I love taking pictures of my pets, especially the kittens lately 

Although she (Eleanor) is only about 5 weeks old, I have began weaning her, which is going really well. She is eating wet food mixed with formula from a dish and no longer on the bottle. She'd bite the nipples right off and managed to swallow one before I could stop her, so I figured it was time. She would also not take to a dropper, but would the dish.
I feel really guilty, but I am having a really hard time bonding with her. You'd think so from caring for one so young, but I don't know. I am hoping it will come with time. I think it's partly due to myself being an ex bird breeder / rescue, I handfed baby birds from about a week old for several weeks and learned to shut myself off emotionally, otherwise I became very attached and that wasn't such a good thing. I love her and I have absolutely no regrets taking her in, but we just don't have that connection yet. I am the person she comes to for food and that's it, otherwise she really wants nothing to do with me lol.

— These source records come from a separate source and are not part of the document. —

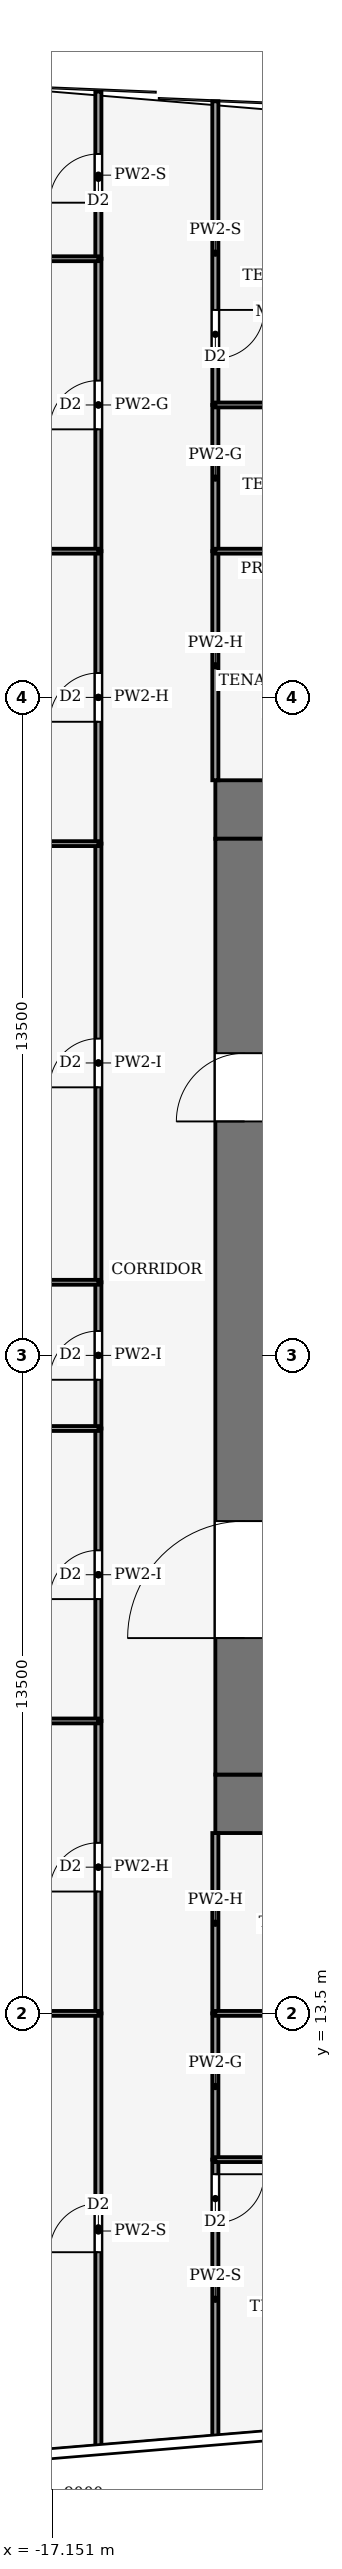
"""IFC4 building model, lengths in metres.
Left out: names, types, materials, properties, quantities, classifications, styles, units other than length and angle.
Written with IfcOpenShell. Run it as: python <this file> out.ifc"""

import sys

from ifc_helpers import new_model, si_unit, direction, frame, frame_2d, origin, place, context, subcontext, project, spatial, rectangle, extrude, element, fill, save


model = new_model("IFC4")
c1 = context("Model", 3, precision=1e-05, world=origin(), true_north=direction((0.0, 1.0)))
c2 = subcontext(c1, "Body", "Model", "MODEL_VIEW")
j1 = project(units=[si_unit("LENGTHUNIT", "METRE"), si_unit("PLANEANGLEUNIT", "RADIAN")], contexts=[c1])
p1 = place(None, origin())
s1 = spatial("IfcSite", under=j1, at=p1, CompositionType="ELEMENT")
p2 = place(p1, origin())
s2 = spatial("IfcBuilding", under=s1, at=p2, CompositionType="ELEMENT")
p3 = place(p2, frame((0.0, 0.0, 70.0)))
s3 = spatial("IfcBuildingStorey", under=s2, at=p3, CompositionType="ELEMENT", Elevation=70.0)
for number, where, z_axis, x_axis in (
    (1, (-13.8, 17.8, -0.13), (0.0, 0.0, 1.0), (1.0, 0.0, 0.0)),
    (2, (-13.8, 38.2, -0.13), (0.0, 0.0, 1.0), (1.0, 0.0, 0.0)),
):
    element("IfcWall", number, at=place(p3, frame(where, z_axis=z_axis, x_axis=x_axis)), inside=s3, PredefinedType="SHEAR", context=c2, shape_type="SweptSolid", body=[
        extrude(rectangle(XDim=27.6, YDim=1.2, at=frame_2d((13.8, 0.0))), origin(), (0.0, 0.0, 1.0), 4.0),
    ])
p4 = place(p3, frame((-13.2, 18.4, -0.13), z_axis=(0.0, 0.0, 1.0), x_axis=(0.0, 1.0, 0.0)))
e3 = element("IfcWall", 3, at=p4, inside=s3, PredefinedType="SHEAR", context=c2, shape_type="SweptSolid", body=[
    extrude(rectangle(XDim=19.2, YDim=1.2, at=frame_2d((9.6, 0.0))), origin(), (0.0, 0.0, 1.0), 4.0),
])
p5 = place(p4, frame((2.8, 0.0, 0.13)))
e4 = element("IfcOpeningElement", 4, at=p5, cuts=e3, PredefinedType="OPENING", context=c2, shape_type="SweptSolid", body=[
    extrude(rectangle(XDim=2.4, YDim=2.4, at=frame_2d((1.2, 1.2))), frame((0.0, 0.61, 0.0), z_axis=(0.0, -1.0, 0.0), x_axis=(1.0, 0.0, 0.0)), (0.0, 0.0, 1.0), 1.22),
])
p6 = place(p4, frame((13.4, 0.0, 0.13)))
e5 = element("IfcOpeningElement", 5, at=p6, cuts=e3, PredefinedType="OPENING", context=c2, shape_type="SweptSolid", body=[
    extrude(rectangle(XDim=1.4, YDim=2.2, at=frame_2d((0.7, 1.1))), frame((0.0, 0.61, 0.0), z_axis=(0.0, -1.0, 0.0), x_axis=(1.0, 0.0, 0.0)), (0.0, 0.0, 1.0), 1.22),
])
p7 = place(p3, frame((-16.2, 4.57, 0.0), z_axis=(0.0, 0.0, 1.0), x_axis=(0.0, 1.0, 0.0)))
e6 = element("IfcWall", 6, at=p7, inside=s3, PredefinedType="PARTITIONING", context=c2, shape_type="SweptSolid", body=[
    extrude(rectangle(XDim=8.93, YDim=0.125, at=frame_2d((4.465, 0.0))), origin(), (0.0, 0.0, 1.0), 3.04),
])
p8 = place(p7, frame((4.03, 0.0, 0.0)))
e7 = element("IfcOpeningElement", 7, at=p8, cuts=e6, PredefinedType="OPENING", context=c2, shape_type="SweptSolid", body=[
    extrude(rectangle(XDim=1.0, YDim=2.1, at=frame_2d((0.5, 1.05))), frame((0.0, 0.073, 0.0), z_axis=(0.0, -1.0, 0.0), x_axis=(1.0, 0.0, 0.0)), (0.0, 0.0, 1.0), 0.145),
])
p9 = place(p3, frame((-16.2, 13.5, 0.0), z_axis=(0.0, 0.0, 1.0), x_axis=(0.0, 1.0, 0.0)))
e8 = element("IfcWall", 8, at=p9, inside=s3, PredefinedType="PARTITIONING", context=c2, shape_type="SweptSolid", body=[
    extrude(rectangle(XDim=6.0, YDim=0.125, at=frame_2d((3.0, 0.0))), origin(), (0.0, 0.0, 1.0), 3.14),
])
p10 = place(p9, frame((2.5, 0.0, 0.0)))
e9 = element("IfcOpeningElement", 9, at=p10, cuts=e8, PredefinedType="OPENING", context=c2, shape_type="SweptSolid", body=[
    extrude(rectangle(XDim=1.0, YDim=2.1, at=frame_2d((0.5, 1.05))), frame((0.0, 0.073, 0.0), z_axis=(0.0, -1.0, 0.0), x_axis=(1.0, 0.0, 0.0)), (0.0, 0.0, 1.0), 0.145),
])
p11 = place(p3, frame((-16.2, 19.5, 0.0), z_axis=(0.0, 0.0, 1.0), x_axis=(0.0, 1.0, 0.0)))
e10 = element("IfcWall", 10, at=p11, inside=s3, PredefinedType="PARTITIONING", context=c2, shape_type="SweptSolid", body=[
    extrude(rectangle(XDim=6.0, YDim=0.125, at=frame_2d((3.0, 0.0))), origin(), (0.0, 0.0, 1.0), 3.48),
])
p12 = place(p11, frame((2.5, 0.0, 0.0)))
e11 = element("IfcOpeningElement", 11, at=p12, cuts=e10, PredefinedType="OPENING", context=c2, shape_type="SweptSolid", body=[
    extrude(rectangle(XDim=1.0, YDim=2.1, at=frame_2d((0.5, 1.05))), frame((0.0, 0.073, 0.0), z_axis=(0.0, -1.0, 0.0), x_axis=(1.0, 0.0, 0.0)), (0.0, 0.0, 1.0), 0.145),
])
p13 = place(p3, frame((-16.2, 25.5, 0.0), z_axis=(0.0, 0.0, 1.0), x_axis=(0.0, 1.0, 0.0)))
e12 = element("IfcWall", 12, at=p13, inside=s3, PredefinedType="PARTITIONING", context=c2, shape_type="SweptSolid", body=[
    extrude(rectangle(XDim=3.0, YDim=0.125, at=frame_2d((1.5, 0.0))), origin(), (0.0, 0.0, 1.0), 3.48),
])
p14 = place(p13, frame((1.0, 0.0, 0.0)))
e13 = element("IfcOpeningElement", 13, at=p14, cuts=e12, PredefinedType="OPENING", context=c2, shape_type="SweptSolid", body=[
    extrude(rectangle(XDim=1.0, YDim=2.1, at=frame_2d((0.5, 1.05))), frame((0.0, 0.073, 0.0), z_axis=(0.0, -1.0, 0.0), x_axis=(1.0, 0.0, 0.0)), (0.0, 0.0, 1.0), 0.145),
])
p15 = place(p3, frame((-16.2, 28.5, 0.0), z_axis=(0.0, 0.0, 1.0), x_axis=(0.0, 1.0, 0.0)))
e14 = element("IfcWall", 14, at=p15, inside=s3, PredefinedType="PARTITIONING", context=c2, shape_type="SweptSolid", body=[
    extrude(rectangle(XDim=9.0, YDim=0.125, at=frame_2d((4.5, 0.0))), origin(), (0.0, 0.0, 1.0), 3.48),
])
p16 = place(p15, frame((4.0, 0.0, 0.0)))
e15 = element("IfcOpeningElement", 15, at=p16, cuts=e14, PredefinedType="OPENING", context=c2, shape_type="SweptSolid", body=[
    extrude(rectangle(XDim=1.0, YDim=2.1, at=frame_2d((0.5, 1.05))), frame((0.0, 0.073, 0.0), z_axis=(0.0, -1.0, 0.0), x_axis=(1.0, 0.0, 0.0)), (0.0, 0.0, 1.0), 0.145),
])
p17 = place(p3, frame((-16.2, 37.5, 0.0), z_axis=(0.0, 0.0, 1.0), x_axis=(0.0, 1.0, 0.0)))
e16 = element("IfcWall", 16, at=p17, inside=s3, PredefinedType="PARTITIONING", context=c2, shape_type="SweptSolid", body=[
    extrude(rectangle(XDim=6.0, YDim=0.125, at=frame_2d((3.0, 0.0))), origin(), (0.0, 0.0, 1.0), 3.14),
])
p18 = place(p17, frame((2.5, 0.0, 0.0)))
e17 = element("IfcOpeningElement", 17, at=p18, cuts=e16, PredefinedType="OPENING", context=c2, shape_type="SweptSolid", body=[
    extrude(rectangle(XDim=1.0, YDim=2.1, at=frame_2d((0.5, 1.05))), frame((0.0, 0.073, 0.0), z_axis=(0.0, -1.0, 0.0), x_axis=(1.0, 0.0, 0.0)), (0.0, 0.0, 1.0), 0.145),
])
p19 = place(p3, frame((-16.2, 43.5, 0.0), z_axis=(0.0, 0.0, 1.0), x_axis=(0.0, 1.0, 0.0)))
e18 = element("IfcWall", 18, at=p19, inside=s3, PredefinedType="PARTITIONING", context=c2, shape_type="SweptSolid", body=[
    extrude(rectangle(XDim=6.0, YDim=0.125, at=frame_2d((3.0, 0.0))), origin(), (0.0, 0.0, 1.0), 3.87),
])
p20 = place(p19, frame((2.5, 0.0, 0.0)))
e19 = element("IfcOpeningElement", 19, at=p20, cuts=e18, PredefinedType="OPENING", context=c2, shape_type="SweptSolid", body=[
    extrude(rectangle(XDim=1.0, YDim=2.1, at=frame_2d((0.5, 1.05))), frame((0.0, 0.073, 0.0), z_axis=(0.0, -1.0, 0.0), x_axis=(1.0, 0.0, 0.0)), (0.0, 0.0, 1.0), 0.145),
])
p21 = place(p3, frame((-16.2, 49.5, 0.0), z_axis=(0.0, 0.0, 1.0), x_axis=(0.0, 1.0, 0.0)))
e20 = element("IfcWall", 20, at=p21, inside=s3, PredefinedType="PARTITIONING", context=c2, shape_type="SweptSolid", body=[
    extrude(rectangle(XDim=3.43, YDim=0.125, at=frame_2d((1.715, 0.0))), origin(), (0.0, 0.0, 1.0), 3.04),
])
p22 = place(p21, frame((1.15, 0.0, 0.0)))
e21 = element("IfcOpeningElement", 21, at=p22, cuts=e20, PredefinedType="OPENING", context=c2, shape_type="SweptSolid", body=[
    extrude(rectangle(XDim=1.0, YDim=2.1, at=frame_2d((0.5, 1.05))), frame((0.0, 0.073, 0.0), z_axis=(0.0, -1.0, 0.0), x_axis=(1.0, 0.0, 0.0)), (0.0, 0.0, 1.0), 0.145),
])
p23 = place(p3, frame((-13.8, 10.5, 0.0), z_axis=(0.0, 0.0, 1.0), x_axis=(0.0, -1.0, 0.0)))
e22 = element("IfcWall", 22, at=p23, inside=s3, PredefinedType="PARTITIONING", context=c2, shape_type="SweptSolid", body=[
    extrude(rectangle(XDim=5.73, YDim=0.125, at=frame_2d((2.865, 0.0))), origin(), (0.0, 0.0, 1.0), 3.04),
])
p24 = place(p23, frame((0.3, 0.0, 0.0)))
e23 = element("IfcOpeningElement", 23, at=p24, cuts=e22, PredefinedType="OPENING", context=c2, shape_type="SweptSolid", body=[
    extrude(rectangle(XDim=1.0, YDim=2.1, at=frame_2d((0.5, 1.05))), frame((0.0, 0.073, 0.0), z_axis=(0.0, -1.0, 0.0), x_axis=(1.0, 0.0, 0.0)), (0.0, 0.0, 1.0), 0.145),
])
p25 = place(p3, frame((-13.8, 10.5, 0.0), z_axis=(0.0, 0.0, 1.0), x_axis=(0.0, 1.0, 0.0)))
e24 = element("IfcWall", 24, at=p25, inside=s3, PredefinedType="PARTITIONING", context=c2, shape_type="SweptSolid", body=[
    extrude(rectangle(XDim=3.0, YDim=0.125, at=frame_2d((1.5, 0.0))), origin(), (0.0, 0.0, 1.0), 3.87),
])
p26 = place(p3, frame((-13.8, 13.5, 0.0), z_axis=(0.0, 0.0, 1.0), x_axis=(0.0, 1.0, 0.0)))
e25 = element("IfcWall", 25, at=p26, inside=s3, PredefinedType="PARTITIONING", context=c2, shape_type="SweptSolid", body=[
    extrude(rectangle(XDim=3.7, YDim=0.125, at=frame_2d((1.85, 0.0))), origin(), (0.0, 0.0, 1.0), 3.14),
])
p27 = place(p3, frame((-13.8, 38.8, 0.0), z_axis=(0.0, 0.0, 1.0), x_axis=(0.0, 1.0, 0.0)))
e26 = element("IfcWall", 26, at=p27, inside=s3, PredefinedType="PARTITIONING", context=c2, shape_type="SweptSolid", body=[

And this is where I currently have Eleanor sleep until she gets a little bit bigger. (the white playpen in the corner)



My two other kittens (kittens from another mother) are also doing great. 

Kashmir and Misty (My daughter claimed Misty as her own the day I brought her home lol)


Misty


My household is loving the kittens, it's been quite the experience and a lot of work lol. We've definitely had to make many changes to our routine and the kids are now chipping in with different chores to help care for them.
My 8 year old is not so fond of the two oldest ones though 
I woke up the other morning to this at his door. He says it's a kitten barricade to keep them out of his bedroom at night and his toes safe. So far it's worked lol



They are slowly taking over my upstairs family room / office though with their stuff.. cat beds and cat trees and scratching posts and little balls with bells, catnip filled mice, etc


----------



## sarahthompson (Aug 8, 2014)

Very nice. Thanks for sharing


----------



## Kashmir&Eleanor (Feb 22, 2014)

Thank you


----------



## spirite (Jul 31, 2012)

Oh they're all so cute! And your son's barricade is pretty funny, LOL!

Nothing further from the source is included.